Une analyse de l’évolution entre 1995 et 2008 des émissions de dioxyde de carbone, soit le principal gaz à effet de serre libéré par les producteurs belges, montre que la baisse de leur intensité énergétique, c'est-à-dire la quantité d'énergie consommée pour créer une unité de valeur ajoutée, est responsable de près de la moitié du découplage entre les émissions de dioxyde de carbone et la croissance économique. L’intensité énergétique des producteurs belges a baissé de 20%. Cette diminution a même été de plus de 20% dans les secteurs de l'énergie, du transport et de la métallurgie, trois des branches d'activité les plus énergivores en Belgique.
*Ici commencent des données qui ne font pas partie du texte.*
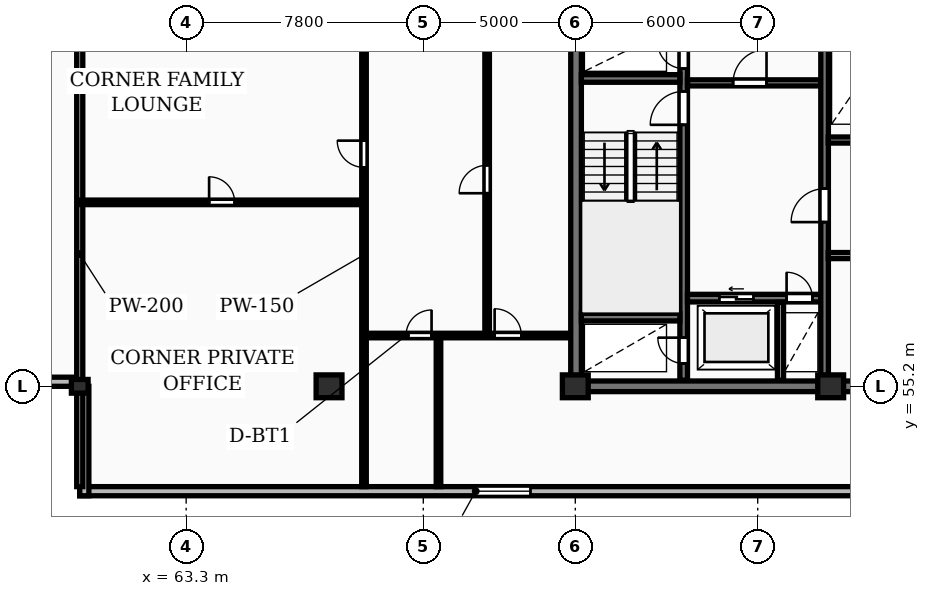
"""IFC4 building model, lengths in metres.
Left out: names, types, materials, properties, quantities, classifications, styles, units other than length and angle.
Written with IfcOpenShell. Run it as: python <this file> out.ifc"""

import sys

from ifc_helpers import new_model, si_unit, direction, frame, frame_2d, origin, origin_2d, place, context, subcontext, project, spatial, rectangle, extrude, element, fill, save


model = new_model("IFC4")
c1 = context("Model", 3, precision=1e-05, world=origin(), true_north=direction((0.0, 1.0)))
c2 = subcontext(c1, "Body", "Model", "MODEL_VIEW")
j1 = project(units=[si_unit("LENGTHUNIT", "METRE"), si_unit("PLANEANGLEUNIT", "RADIAN")], contexts=[c1])
p1 = place(None, origin())
s1 = spatial("IfcSite", under=j1, at=p1, CompositionType="ELEMENT")
p2 = place(p1, origin())
s2 = spatial("IfcBuilding", under=s1, at=p2, CompositionType="ELEMENT")
p3 = place(p2, frame((0.0, 0.0, 204.35)))
s3 = spatial("IfcBuildingStorey", under=s2, at=p3, CompositionType="ELEMENT", Elevation=204.35)
p4 = place(p3, frame((59.8, 55.2, 0.0), z_axis=(0.0, 0.0, 1.0), x_axis=(1.0, 0.0, 0.0)))
e1 = element("IfcColumn", 1, at=p4, inside=s3, PredefinedType="PILASTER", context=c2, shape_type="SweptSolid", body=[
    extrude(rectangle(XDim=0.55, YDim=0.45, at=origin_2d()), origin(), (0.0, 0.0, 1.0), 3.25),
])
for number, where, z_axis, x_axis in (
    (2, (68.0, 55.2, 0.0), (0.0, 0.0, 1.0), (1.0, 0.0, 0.0)),
    (3, (76.1, 55.2, 0.0), (0.0, 0.0, 1.0), (1.0, 0.0, 0.0)),
    (4, (84.5, 55.2, 0.0), (0.0, 0.0, 1.0), (1.0, 0.0, 0.0)),
):
    element("IfcColumn", number, at=place(p3, frame(where, z_axis=z_axis, x_axis=x_axis)), inside=s3, PredefinedType="COLUMN", context=c2, shape_type="SweptSolid", body=[
        extrude(rectangle(XDim=0.85, YDim=0.75, at=origin_2d()), origin(), (0.0, 0.0, 1.0), 3.25),
    ])
p5 = place(p3, frame((59.8, 51.75, 0.0), z_axis=(0.0, 0.0, 1.0), x_axis=(1.0, 0.0, 0.0)))
e5 = element("IfcWall", 5, at=p5, inside=s3, PredefinedType="STANDARD", context=c2, shape_type="SweptSolid", body=[
    extrude(rectangle(XDim=68.6, YDim=0.3, at=frame_2d((34.3, 0.0))), origin(), (0.0, 0.0, 1.0), 2.98),
])
p6 = place(p5, frame((13.025, 0.0, 0.85)))
e6 = element("IfcOpeningElement", 6, at=p6, cuts=e5, PredefinedType="OPENING", context=c2, shape_type="SweptSolid", body=[
    extrude(rectangle(XDim=1.8, YDim=1.8, at=frame_2d((0.9, 0.9))), frame((0.0, 0.16, 0.0), z_axis=(0.0, -1.0, 0.0), x_axis=(1.0, 0.0, 0.0)), (0.0, 0.0, 1.0), 0.32),
])
p7 = place(p5, frame((56.375, 0.0, 0.85)))
e7 = element("IfcOpeningElement", 7, at=p7, cuts=e5, PredefinedType="OPENING", context=c2, shape_type="SweptSolid", body=[
    extrude(rectangle(XDim=1.8, YDim=1.8, at=frame_2d((0.9, 0.9))), frame((0.0, 0.16, 0.0), z_axis=(0.0, -1.0, 0.0), x_axis=(1.0, 0.0, 0.0)), (0.0, 0.0, 1.0), 0.32),
])
p8 = place(p3, frame((56.2, 55.35, 0.0), z_axis=(0.0, 0.0, 1.0), x_axis=(1.0, 0.0, 0.0)))
e8 = element("IfcWall", 8, at=p8, inside=s3, PredefinedType="STANDARD", context=c2, shape_type="SweptSolid", body=[
    extrude(rectangle(XDim=3.6, YDim=0.3, at=frame_2d((1.8, 0.0))), origin(), (0.0, 0.0, 1.0), 2.98),
])
p9 = place(p3, frame((59.95, 55.2, 0.0), z_axis=(0.0, 0.0, 1.0), x_axis=(0.0, -1.0, 0.0)))
e9 = element("IfcWall", 9, at=p9, inside=s3, PredefinedType="STANDARD", context=c2, shape_type="SweptSolid", body=[
    extrude(rectangle(XDim=3.6, YDim=0.3, at=frame_2d((1.8, 0.0))), origin(), (0.0, 0.0, 1.0), 2.98),
])
p10 = place(p3, frame((75.95, 55.2, 0.0), z_axis=(0.0, 0.0, 1.0), x_axis=(1.0, 0.0, 0.0)))
e10 = element("IfcWall", 10, at=p10, inside=s3, PredefinedType="SHEAR", context=c2, shape_type="SweptSolid", body=[
    extrude(rectangle(XDim=36.3, YDim=0.35, at=frame_2d((18.15, 0.0))), origin(), (0.0, 0.0, 1.0), 3.25),
])
p11 = place(p3, frame((76.125, 55.375, 0.0), z_axis=(0.0, 0.0, 1.0), x_axis=(0.0, 1.0, 0.0)))
e11 = element("IfcWall", 11, at=p11, inside=s3, PredefinedType="SHEAR", context=c2, shape_type="SweptSolid", body=[
    extrude(rectangle(XDim=11.65, YDim=0.35, at=frame_2d((5.825, 0.0))), origin(), (0.0, 0.0, 1.0), 3.25),
])
p12 = place(p3, frame((79.665, 55.4, 0.0), z_axis=(0.0, 0.0, 1.0), x_axis=(0.0, 1.0, 0.0)))
e12 = element("IfcWall", 12, at=p12, inside=s3, PredefinedType="SHEAR", context=c2, shape_type="SweptSolid", body=[
    extrude(rectangle(XDim=11.6, YDim=0.25, at=frame_2d((5.8, 0.0))), origin(), (0.0, 0.0, 1.0), 3.25),
])
p13 = place(p12, frame((0.55, 0.0, 0.0)))
e13 = element("IfcOpeningElement", 13, at=p13, cuts=e12, PredefinedType="OPENING", context=c2, shape_type="SweptSolid", body=[
    extrude(rectangle(XDim=0.85, YDim=2.05, at=frame_2d((0.425, 1.025))), frame((0.0, 0.135, 0.0), z_axis=(0.0, -1.0, 0.0), x_axis=(1.0, 0.0, 0.0)), (0.0, 0.0, 1.0), 0.27),
])
p14 = place(p12, frame((8.4, 0.0, 0.0)))
e14 = element("IfcOpeningElement", 14, at=p14, cuts=e12, PredefinedType="OPENING", context=c2, shape_type="SweptSolid", body=[
    extrude(rectangle(XDim=1.1, YDim=2.1, at=frame_2d((0.55, 1.05))), frame((0.0, 0.135, 0.0), z_axis=(0.0, -1.0, 0.0), x_axis=(1.0, 0.0, 0.0)), (0.0, 0.0, 1.0), 0.27),
])
p15 = place(p12, frame((10.25, 0.0, 0.0)))
e15 = element("IfcOpeningElement", 15, at=p15, cuts=e12, PredefinedType="OPENING", context=c2, shape_type="SweptSolid", body=[
    extrude(rectangle(XDim=0.85, YDim=2.05, at=frame_2d((0.425, 1.025))), frame((0.0, 0.135, 0.0), z_axis=(0.0, -1.0, 0.0), x_axis=(1.0, 0.0, 0.0)), (0.0, 0.0, 1.0), 0.27),
])
for number, where, z_axis, x_axis in (
    (16, (76.3, 57.475, 0.0), (0.0, 0.0, 1.0), (1.0, 0.0, 0.0)),
    (17, (76.3, 65.325, 0.0), (0.0, 0.0, 1.0), (1.0, 0.0, 0.0)),
):
    element("IfcWall", number, at=place(p3, frame(where, z_axis=z_axis, x_axis=x_axis)), inside=s3, PredefinedType="SHEAR", context=c2, shape_type="SweptSolid", body=[
        extrude(rectangle(XDim=3.24, YDim=0.25, at=frame_2d((1.62, 0.0))), origin(), (0.0, 0.0, 1.0), 3.25),
    ])
p16 = place(p3, frame((79.79, 58.1, 0.0), z_axis=(0.0, 0.0, 1.0), x_axis=(1.0, 0.0, 0.0)))
e18 = element("IfcWall", 18, at=p16, inside=s3, PredefinedType="SHEAR", context=c2, shape_type="SweptSolid", body=[
    extrude(rectangle(XDim=4.39, YDim=0.25, at=frame_2d((2.195, 0.0))), origin(), (0.0, 0.0, 1.0), 3.25),
])
p17 = place(p16, frame((1.05, 0.0, 0.0)))
e19 = element("IfcOpeningElement", 19, at=p17, cuts=e18, PredefinedType="OPENING", context=c2, shape_type="SweptSolid", body=[
    extrude(rectangle(XDim=1.12, YDim=2.12, at=frame_2d((0.56, 1.06))), frame((0.0, 0.135, 0.0), z_axis=(0.0, -1.0, 0.0), x_axis=(1.0, 0.0, 0.0)), (0.0, 0.0, 1.0), 0.27),
])
p18 = place(p16, frame((3.26, 0.0, 0.0)))
e20 = element("IfcOpeningElement", 20, at=p18, cuts=e18, PredefinedType="OPENING", context=c2, shape_type="SweptSolid", body=[
    extrude(rectangle(XDim=0.85, YDim=2.05, at=frame_2d((0.425, 1.025))), frame((0.0, 0.135, 0.0), z_axis=(0.0, -1.0, 0.0), x_axis=(1.0, 0.0, 0.0)), (0.0, 0.0, 1.0), 0.27),
])
p19 = place(p3, frame((82.85, 55.4, 0.0), z_axis=(0.0, 0.0, 1.0), x_axis=(0.0, 1.0, 0.0)))
e21 = element("IfcWall", 21, at=p19, inside=s3, PredefinedType="PARTITIONING", context=c2, shape_type="SweptSolid", body=[
    extrude(rectangle(XDim=2.56, YDim=0.2, at=frame_2d((1.28, 0.0))), origin(), (0.0, 0.0, 1.0), 2.98),
])
p20 = place(p3, frame((79.79, 65.18, 0.0), z_axis=(0.0, 0.0, 1.0), x_axis=(1.0, 0.0, 0.0)))
e22 = element("IfcWall", 22, at=p20, inside=s3, PredefinedType="PARTITIONING", context=c2, shape_type="SweptSolid", body=[
    extrude(rectangle(XDim=4.39, YDim=0.2, at=frame_2d((2.195, 0.0))), origin(), (0.0, 0.0, 1.0), 2.98),
])
p21 = place(p20, frame((1.5, 0.0, 0.0)))
e23 = element("IfcOpeningElement", 23, at=p21, cuts=e22, PredefinedType="OPENING", context=c2, shape_type="SweptSolid", body=[
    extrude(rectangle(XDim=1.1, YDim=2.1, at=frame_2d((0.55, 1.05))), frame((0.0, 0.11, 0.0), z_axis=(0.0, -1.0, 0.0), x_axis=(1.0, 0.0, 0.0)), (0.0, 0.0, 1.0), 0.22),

L'évolution du mix énergétique des producteurs belges était responsable d’un tiers du découplage entre leurs émissions de dioxyde de carbone et la croissance économique. Le principal changement de leur mix énergétique s’est traduit par une substitution des combustibles solides, comme le charbon, par le gaz naturel, moins polluant. Enfin, le changement de la structure de l’économie belge vers des activités moins polluantes était responsable pour un peu plus d’un cinquième du découplage entre les émissions de dioxyde de carbone libérées par les producteurs belges et la croissance économique. À cet égard, la hausse de la part du secteur tertiaire, relativement peu polluant, dans l'économie belge a joué un rôle important. De plus, la Belgique a réduit sa spécialisation dans l'exportation de produits intensifs en gaz à effet de serre.

Une analyse de la pollution liée au commerce international de biens et de services montre que sur la période 1995-2007 les émissions de gaz à effet de serre évitées grâce aux importations ont toujours été plus importantes que les émissions de gaz à effet de serre générées par la production des exportations. Cet écart était par ailleurs plus prononcé en 2007 qu’en 1995, ce qui s’explique par l’évolution de la composition des exportations. La part des produits intensifs en gaz à effet de serre dans les exportations belges a clairement reculé.

La baisse de l'intensité énergétique de l’économie belge s'est accompagnée d'une légère hausse de la pression fiscale sur l'énergie. Corrigées de l'inflation, les taxes sur l'énergie par unité d'énergie consommée ont augmenté de 3% entre 1997 et 2007. Les taxes énergétiques représentent près de deux tiers des taxes environnementales totales en Belgique. En termes nominaux, ces dernières ont augmenté de 30% entre 1997 et 2008. Cette hausse ne signifie pas pour autant que la fiscalité en Belgique soit devenue plus verte : la part des taxes environnementales dans les prélèvements totaux est passée de 8,4% à 6,6%.